Flint nodded. He remembered that from when he had tweaked the system. He had seen that information go by him, and hadn’t thought much about it.

Hacking the system from the inside was nearly impossible. It would take weeks just to break in. He had dismissed any inside hack as a near-impossibility.

He silently cursed himself. He knew that most security breaches were caused not by someone getting lucky or having incredible programming skills, but by an error in the assumptions of the security system’s designer.

He had compounded the error by failing to flag it.

Even though he had given himself a way in should something go wrong, he hadn’t planned for this. That way in was predicated on the idea of an outside hack, not an inside breach.

“How much of the system has been changed?” Flint asked.

“Everything,” she said. “The access points, the codes needed, the ways the system protects itself, it’s all been changed from the inside, and every time I try to touch it, I get knocked out of the system. Here, you try.”
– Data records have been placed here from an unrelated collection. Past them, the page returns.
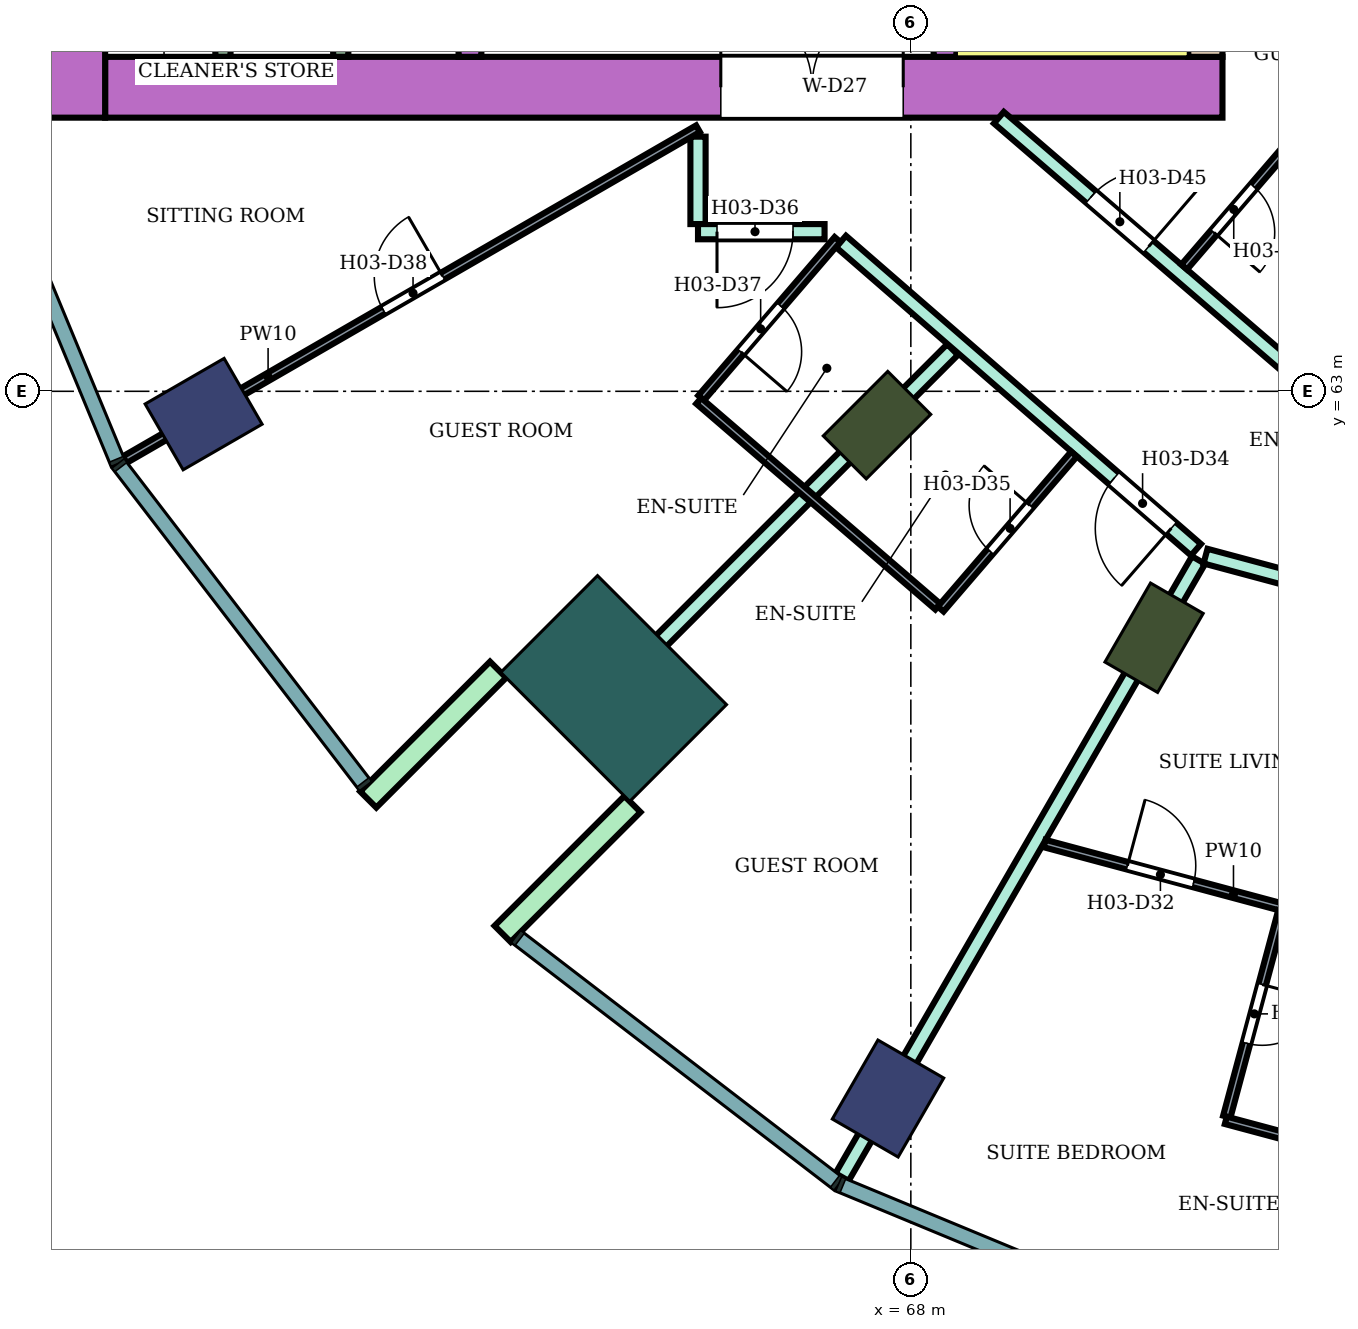
"""IFC4 building model, lengths in metres.
Left out: names, types, materials, properties, quantities, classifications, styles, units other than length and angle.
Written with IfcOpenShell. Run it as: python <this file> out.ifc"""

import sys

from ifc_helpers import new_model, si_unit, direction, frame, frame_2d, origin, origin_2d, place, context, subcontext, project, spatial, rectangle, extrude, element, fill, save


model = new_model("IFC4")
c1 = context("Model", 3, precision=1e-05, world=origin(), true_north=direction((0.0, 1.0)))
c2 = subcontext(c1, "Body", "Model", "MODEL_VIEW")
j1 = project(units=[si_unit("LENGTHUNIT", "METRE"), si_unit("PLANEANGLEUNIT", "RADIAN")], contexts=[c1])
p1 = place(None, origin())
s1 = spatial("IfcSite", under=j1, at=p1, CompositionType="ELEMENT")
p2 = place(p1, origin())
s2 = spatial("IfcBuilding", under=s1, at=p2, CompositionType="ELEMENT")
p3 = place(p2, frame((0.0, 0.0, 55.4)))
s3 = spatial("IfcBuildingStorey", under=s2, at=p3, CompositionType="ELEMENT", Elevation=55.4)
for number, where, z_axis, x_axis in (
    (1, (58.696, 62.7, 0.0), (0.0, 0.0, 1.0), (-0.866, -0.5, 0.0)),
    (2, (67.7, 53.696, 0.0), (0.0, 0.0, 1.0), (-0.5, -0.866, 0.0)),
):
    element("IfcColumn", number, at=place(p3, frame(where, z_axis=z_axis, x_axis=x_axis)), inside=s3, PredefinedType="COLUMN", context=c2, shape_type="SweptSolid", body=[
        extrude(rectangle(XDim=1.2, YDim=1.0, at=origin_2d()), origin(), (0.0, 0.0, 1.0), 3.8),
    ])
for number, where, z_axis, x_axis in (
    (3, (67.555, 62.555, 0.0), (0.0, 0.0, 1.0), (-0.707, -0.707, 0.0)),
    (4, (71.2, 59.758, 0.0), (0.0, 0.0, 1.0), (-0.5, -0.866, 0.0)),
):
    element("IfcColumn", number, at=place(p3, frame(where, z_axis=z_axis, x_axis=x_axis)), inside=s3, PredefinedType="COLUMN", context=c2, shape_type="SweptSolid", body=[
        extrude(rectangle(XDim=1.2, YDim=0.8, at=origin_2d()), origin(), (0.0, 0.0, 1.0), 3.8),
    ])
p4 = place(p3, frame((64.09, 59.09, 0.0), z_axis=(0.0, 0.0, 1.0), x_axis=(-0.707106781187, -0.707106781187, 0.0)))
e5 = element("IfcColumn", 5, at=p4, inside=s3, PredefinedType="COLUMN", context=c2, shape_type="SweptSolid", body=[
    extrude(rectangle(XDim=1.8, YDim=2.4, at=origin_2d()), origin(), (0.0, 0.0, 1.0), 3.8),
])
p5 = place(p3, frame((72.1, 67.0, 0.0), z_axis=(0.0, 0.0, 1.0), x_axis=(-1.0, 0.0, 0.0)))
e6 = element("IfcWall", 6, at=p5, inside=s3, PredefinedType="SHEAR", context=c2, shape_type="SweptSolid", body=[
    extrude(rectangle(XDim=14.7, YDim=0.8, at=frame_2d((7.35, 0.0))), origin(), (0.0, 0.0, 1.0), 3.48),
])
p6 = place(p5, frame((4.2, 0.0, 0.0)))
e7 = element("IfcOpeningElement", 7, at=p6, cuts=e6, PredefinedType="OPENING", context=c2, shape_type="SweptSolid", body=[
    extrude(rectangle(XDim=2.4, YDim=2.4, at=frame_2d((1.2, 1.2))), frame((0.0, 0.41, 0.0), z_axis=(0.0, -1.0, 0.0), x_axis=(1.0, 0.0, 0.0)), (0.0, 0.0, 1.0), 0.82),
])
p7 = place(p3, frame((71.875, 75.0, 0.0), z_axis=(0.0, 0.0, 1.0), x_axis=(0.0, -1.0, 0.0)))
e8 = element("IfcWall", 8, at=p7, inside=s3, PredefinedType="SHEAR", context=c2, shape_type="SweptSolid", body=[
    extrude(rectangle(XDim=7.6, YDim=0.45, at=frame_2d((3.8, 0.0))), origin(), (0.0, 0.0, 1.0), 3.48),
])
p8 = place(p3, frame((57.0, 83.4, 0.0), z_axis=(0.0, 0.0, 1.0), x_axis=(0.0, -1.0, 0.0)))
e9 = element("IfcWall", 9, at=p8, inside=s3, PredefinedType="SHEAR", context=c2, shape_type="SweptSolid", body=[
    extrude(rectangle(XDim=16.8, YDim=0.8, at=frame_2d((8.4, 0.0))), origin(), (0.0, 0.0, 1.0), 3.48),
])
p9 = place(p3, frame((68.45, 75.0, 0.0), z_axis=(0.0, 0.0, 1.0), x_axis=(0.0, -1.0, 0.0)))
e10 = element("IfcWall", 10, at=p9, inside=s3, PredefinedType="SHEAR", context=c2, shape_type="SweptSolid", body=[
    extrude(rectangle(XDim=7.6, YDim=0.3, at=frame_2d((3.8, 0.0))), origin(), (0.0, 0.0, 1.0), 3.48),
])
p10 = place(p9, frame((1.85, 0.0, 0.0)))
e11 = element("IfcOpeningElement", 11, at=p10, cuts=e10, PredefinedType="OPENING", context=c2, shape_type="SweptSolid", body=[
    extrude(rectangle(XDim=0.9, YDim=2.1, at=frame_2d((0.45, 1.05))), frame((0.0, 0.16, 0.0), z_axis=(0.0, -1.0, 0.0), x_axis=(1.0, 0.0, 0.0)), (0.0, 0.0, 1.0), 0.32),
])
p11 = place(p3, frame((62.2, 70.45, 0.0), z_axis=(0.0, 0.0, 1.0), x_axis=(0.0, -1.0, 0.0)))
e12 = element("IfcWall", 12, at=p11, inside=s3, PredefinedType="SHEAR", context=c2, shape_type="SweptSolid", body=[
    extrude(rectangle(XDim=3.05, YDim=0.3, at=frame_2d((1.525, 0.0))), origin(), (0.0, 0.0, 1.0), 3.48),
])
for number, where, z_axis, x_axis in (
    (13, (62.57, 59.338, 0.0), (0.0, 0.0, 1.0), (-0.707, -0.707, 0.0)),
    (14, (64.338, 57.57, 0.0), (0.0, 0.0, 1.0), (-0.707, -0.707, 0.0)),
):
    element("IfcWall", number, at=place(p3, frame(where, z_axis=z_axis, x_axis=x_axis)), inside=s3, PredefinedType="NOTDEFINED", context=c2, shape_type="SweptSolid", body=[
        extrude(rectangle(XDim=2.416, YDim=0.3, at=frame_2d((1.208, 0.0))), origin(), (0.0, 0.0, 1.0), 3.8),
    ])
p12 = place(p3, frame((63.596, 58.596, 0.0), z_axis=(0.0, 0.0, 1.0), x_axis=(0.707106781187, 0.707106781187, 0.0)))
e15 = element("IfcWall", 15, at=p12, inside=s3, PredefinedType="PARTITIONING", context=c2, shape_type="SweptSolid", body=[
    extrude(rectangle(XDim=7.005, YDim=0.2, at=frame_2d((3.503, 0.0))), origin(), (0.0, 0.0, 1.0), 3.35),
])
p13 = place(p3, frame((65.2, 65.2, 0.0), z_axis=(0.0, 0.0, 1.0), x_axis=(0.0, 1.0, 0.0)))
e16 = element("IfcWall", 16, at=p13, inside=s3, PredefinedType="PARTITIONING", context=c2, shape_type="SweptSolid", body=[
    extrude(rectangle(XDim=1.15, YDim=0.2, at=frame_2d((0.575, 0.0))), origin(), (0.0, 0.0, 1.0), 3.35),
])
p14 = place(p3, frame((65.2, 65.1, 0.0), z_axis=(0.0, 0.0, 1.0), x_axis=(1.0, 0.0, 0.0)))
e17 = element("IfcWall", 17, at=p14, inside=s3, PredefinedType="PARTITIONING", context=c2, shape_type="SweptSolid", body=[
    extrude(rectangle(XDim=1.665, YDim=0.2, at=frame_2d((0.833, 0.0))), origin(), (0.0, 0.0, 1.0), 3.35),
])
p15 = place(p14, frame((0.25, 0.0, 0.0)))
e18 = element("IfcOpeningElement", 18, at=p15, cuts=e17, PredefinedType="OPENING", context=c2, shape_type="SweptSolid", body=[
    extrude(rectangle(XDim=1.0, YDim=2.1, at=frame_2d((0.5, 1.05))), frame((0.0, 0.11, 0.0), z_axis=(0.0, -1.0, 0.0), x_axis=(1.0, 0.0, 0.0)), (0.0, 0.0, 1.0), 0.22),
])
p16 = place(p3, frame((67.081, 64.971, 0.0), z_axis=(0.0, 0.0, 1.0), x_axis=(0.755031061605, -0.65568902386, 0.0)))
e19 = element("IfcWall", 19, at=p16, inside=s3, PredefinedType="PARTITIONING", context=c2, shape_type="SweptSolid", body=[
    extrude(rectangle(XDim=6.186, YDim=0.2, at=frame_2d((3.093, 0.0))), origin(), (0.0, 0.0, 1.0), 3.35),
])
p17 = place(p16, frame((4.755, 0.0, 0.0)))
e20 = element("IfcOpeningElement", 20, at=p17, cuts=e19, PredefinedType="OPENING", context=c2, shape_type="SweptSolid", body=[
    extrude(rectangle(XDim=1.0, YDim=2.1, at=frame_2d((0.5, 1.05))), frame((0.0, 0.11, 0.0), z_axis=(0.0, -1.0, 0.0), x_axis=(1.0, 0.0, 0.0)), (0.0, 0.0, 1.0), 0.22),
])
p18 = place(p3, frame((67.095, 52.662, 0.0), z_axis=(0.0, 0.0, 1.0), x_axis=(0.500247659952, 0.865882370021, 0.0)))
e21 = element("IfcWall", 21, at=p18, inside=s3, PredefinedType="PARTITIONING", context=c2, shape_type="SweptSolid", body=[
    extrude(rectangle(XDim=9.375, YDim=0.2, at=frame_2d((4.688, 0.0))), origin(), (0.0, 0.0, 1.0), 3.35),
])
p19 = place(p3, frame((69.158, 66.6, 0.0), z_axis=(0.0, 0.0, 1.0), x_axis=(0.757976058094, -0.652282373943, 0.0)))
e22 = element("IfcWall", 22, at=p19, inside=s3, PredefinedType="PARTITIONING", context=c2, shape_type="SweptSolid", body=[
    extrude(rectangle(XDim=5.16, YDim=0.2, at=frame_2d((2.58, 0.0))), origin(), (0.0, 0.0, 1.0), 3.35),
])
p20 = place(p19, frame((1.6, 0.0, 0.0)))
e23 = element("IfcOpeningElement", 23, at=p20, cuts=e22, PredefinedType="OPENING", context=c2, shape_type="SweptSolid", body=[
    extrude(rectangle(XDim=1.0, YDim=2.1, at=frame_2d((0.5, 1.05))), frame((0.0, 0.11, 0.0), z_axis=(0.0, -1.0, 0.0), x_axis=(1.0, 0.0, 0.0)), (0.0, 0.0, 1.0), 0.22),
])
p21 = place(p3, frame((71.877, 60.831, 0.0), z_axis=(0.0, 0.0, 1.0), x_axis=(0.965852509869, -0.259092510851, 0.0)))
e24 = element("IfcWall", 24, at=p21, inside=s3, PredefinedType="PARTITIONING", context=c2, shape_type="SweptSolid", body=[
    extrude(rectangle(XDim=8.32, YDim=0.2, at=frame_2d((4.16, 0.0))), origin(), (0.0, 0.0, 1.0), 3.35),
])
p22 = place(p21, frame((6.86, 0.0, 0.0)))
e25 = element("IfcOpeningElement", 25, at=p22, cuts=e24, PredefinedType="OPENING", context=c2, shape_type="SweptSolid", body=[
    extrude(rectangle(XDim=1.0, YDim=2.1, at=frame_2d((0.5, 1.05))), frame((0.0, 0.11, 0.0), z_axis=(0.0, -1.0, 0.0), x_axis=(1.0, 0.0, 0.0)), (0.0, 0.0, 1.0), 0.22),
])
p23 = place(p21, frame((1.6, 0.0, 0.0)))
e26 = element("IfcOpeningElement", 26, at=p23, cuts=e24, PredefinedType="OPENING", context=c2, shape_type="SweptSolid", body=[
    extrude(rectangle(XDim=1.0, YDim=2.1, at=frame_2d((0.5, 1.05))), frame((0.0, 0.11, 0.0), z_axis=(0.0, -1.0, 0.0), x_axis=(1.0, 0.0, 0.0)), (0.0, 0.0, 1.0), 0.22),
])
p24 = place(p3, frame((57.659, 62.101, 0.0), z_axis=(0.0, 0.0, 1.0), x_axis=(0.86602264145, 0.500004784474, 0.0)))
e27 = element("IfcWall", 27, at=p24, inside=s3, PredefinedType="PARTITIONING", context=c2, shape_type="SweptSolid", body=[
    extrude(rectangle(XDim=8.708, YDim=0.1, at=frame_2d((4.354, 0.0))), origin(), (0.0, 0.0, 1.0), 3.35),
])
p25 = place(p24, frame((3.929, 0.0, 0.0)))
e28 = element("IfcOpeningElement", 28, at=p25, cuts=e27, PredefinedType="OPENING", context=c2, shape_type="SweptSolid", body=[
    extrude(rectangle(XDim=0.9, YDim=2.1, at=frame_2d((0.45, 1.05))), frame((0.0, 0.06, 0.0), z_axis=(0.0, -1.0, 0.0), x_axis=(1.0, 0.0, 0.0)), (0.0, 0.0, 1.0), 0.12),
])
p26 = place(p3, frame((65.242, 62.912, 0.0), z_axis=(0.0, 0.0, 1.0), x_axis=(0.652069888227, 0.758158862553, 0.0)))
e29 = element("IfcWall", 29, at=p26, inside=s3, PredefinedType="PARTITIONING", context=c2, shape_type="SweptSolid", body=[
    extrude(rectangle(XDim=2.75, YDim=0.1, at=frame_2d((1.375, 0.0))), origin(), (0.0, 0.0, 1.0), 3.35),
])
p27 = place(p26, frame((0.8, 0.0, 0.0)))
e30 = element("IfcOpeningElement", 30, at=p27, cuts=e29, PredefinedType="OPENING", context=c2, shape_type="SweptSolid", body=[
    extrude(rectangle(XDim=0.8, YDim=2.1, at=frame_2d((0.4, 1.05))), frame((0.0, 0.06, 0.0), z_axis=(0.0, -1.0, 0.0), x_axis=(1.0, 0.0, 0.0)), (0.0, 0.0, 1.0), 0.12),
])
p28 = place(p3, frame((65.209, 62.875, 0.0), z_axis=(0.0, 0.0, 1.0), x_axis=(0.757930378138, -0.652335451969, 0.0)))
e31 = element("IfcWall", 31, at=p28, inside=s3, PredefinedType="PARTITIONING", context=c2, shape_type="SweptSolid", body=[
    extrude(rectangle(XDim=4.15, YDim=0.1, at=frame_2d((2.075, 0.0))), origin(), (0.0, 0.0, 1.0), 3.35),
])
p29 = place(p3, frame((68.393, 60.135, 0.0), z_axis=(0.0, 0.0, 1.0), x_axis=(0.652061182569, 0.758166349944, 0.0)))
e32 = element("IfcWall", 32, at=p29, inside=s3, PredefinedType="PARTITIONING", context=c2, shape_type="SweptSolid", body=[
    extrude(rectangle(XDim=2.69, YDim=0.1, at=frame_2d((1.345, 0.0))), origin(), (0.0, 0.0, 1.0), 3.35),
])
p30 = place(p29, frame((1.0, 0.0, 0.0)))
e33 = element("IfcOpeningElement", 33, at=p30, cuts=e32, PredefinedType="OPENING", context=c2, shape_type="SweptSolid", body=[
    extrude(rectangle(XDim=0.8, YDim=2.1, at=frame_2d((0.4, 1.05))), frame((0.0, 0.06, 0.0), z_axis=(0.0, -1.0, 0.0), x_axis=(1.0, 0.0, 0.0)), (0.0, 0.0, 1.0), 0.12),
])
p31 = place(p3, frame((69.76, 57.051, 0.0), z_axis=(0.0, 0.0, 1.0), x_axis=(0.965880475586, -0.258988236958, 0.0)))
e34 = element("IfcWall", 34, at=p31, inside=s3, PredefinedType="PARTITIONING", context=c2, shape_type="SweptSolid", body=[
    extrude(rectangle(XDim=5.146, YDim=0.1, at=frame_2d((2.573, 0.0))), origin(), (0.0, 0.0, 1.0), 3.35),
])
p32 = place(p31, frame((1.128, 0.0, 0.0)))
e35 = element("IfcOpeningElement", 35, at=p32, cuts=e34, PredefinedType="OPENING", context=c2, shape_type="SweptSolid", body=[
    extrude(rectangle(XDim=0.9, YDim=2.1, at=frame_2d((0.45, 1.05))), frame((0.0, 0.06, 0.0), z_axis=(0.0, -1.0, 0.0), x_axis=(1.0, 0.0, 0.0)), (0.0, 0.0, 1.0), 0.12),
])
p33 = place(p3, frame((71.596, 64.635, 0.0), z_axis=(0.0, 0.0, 1.0), x_axis=(0.652285007511, 0.757973791748, 0.0)))
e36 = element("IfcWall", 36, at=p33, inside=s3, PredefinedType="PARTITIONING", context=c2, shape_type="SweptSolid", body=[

Flint shook his head. “I don’t know what you’ve done, and I don’t want to make things worse. Just give me a quick tour.”

She did. She went through all of the pieces she had touched. Flint moved behind her and watched. He didn’t recognize anything anymore. Everything he knew about the system was wrong. He wondered if the outside access was wrong too. Maybe he wouldn’t need the United Domes identification.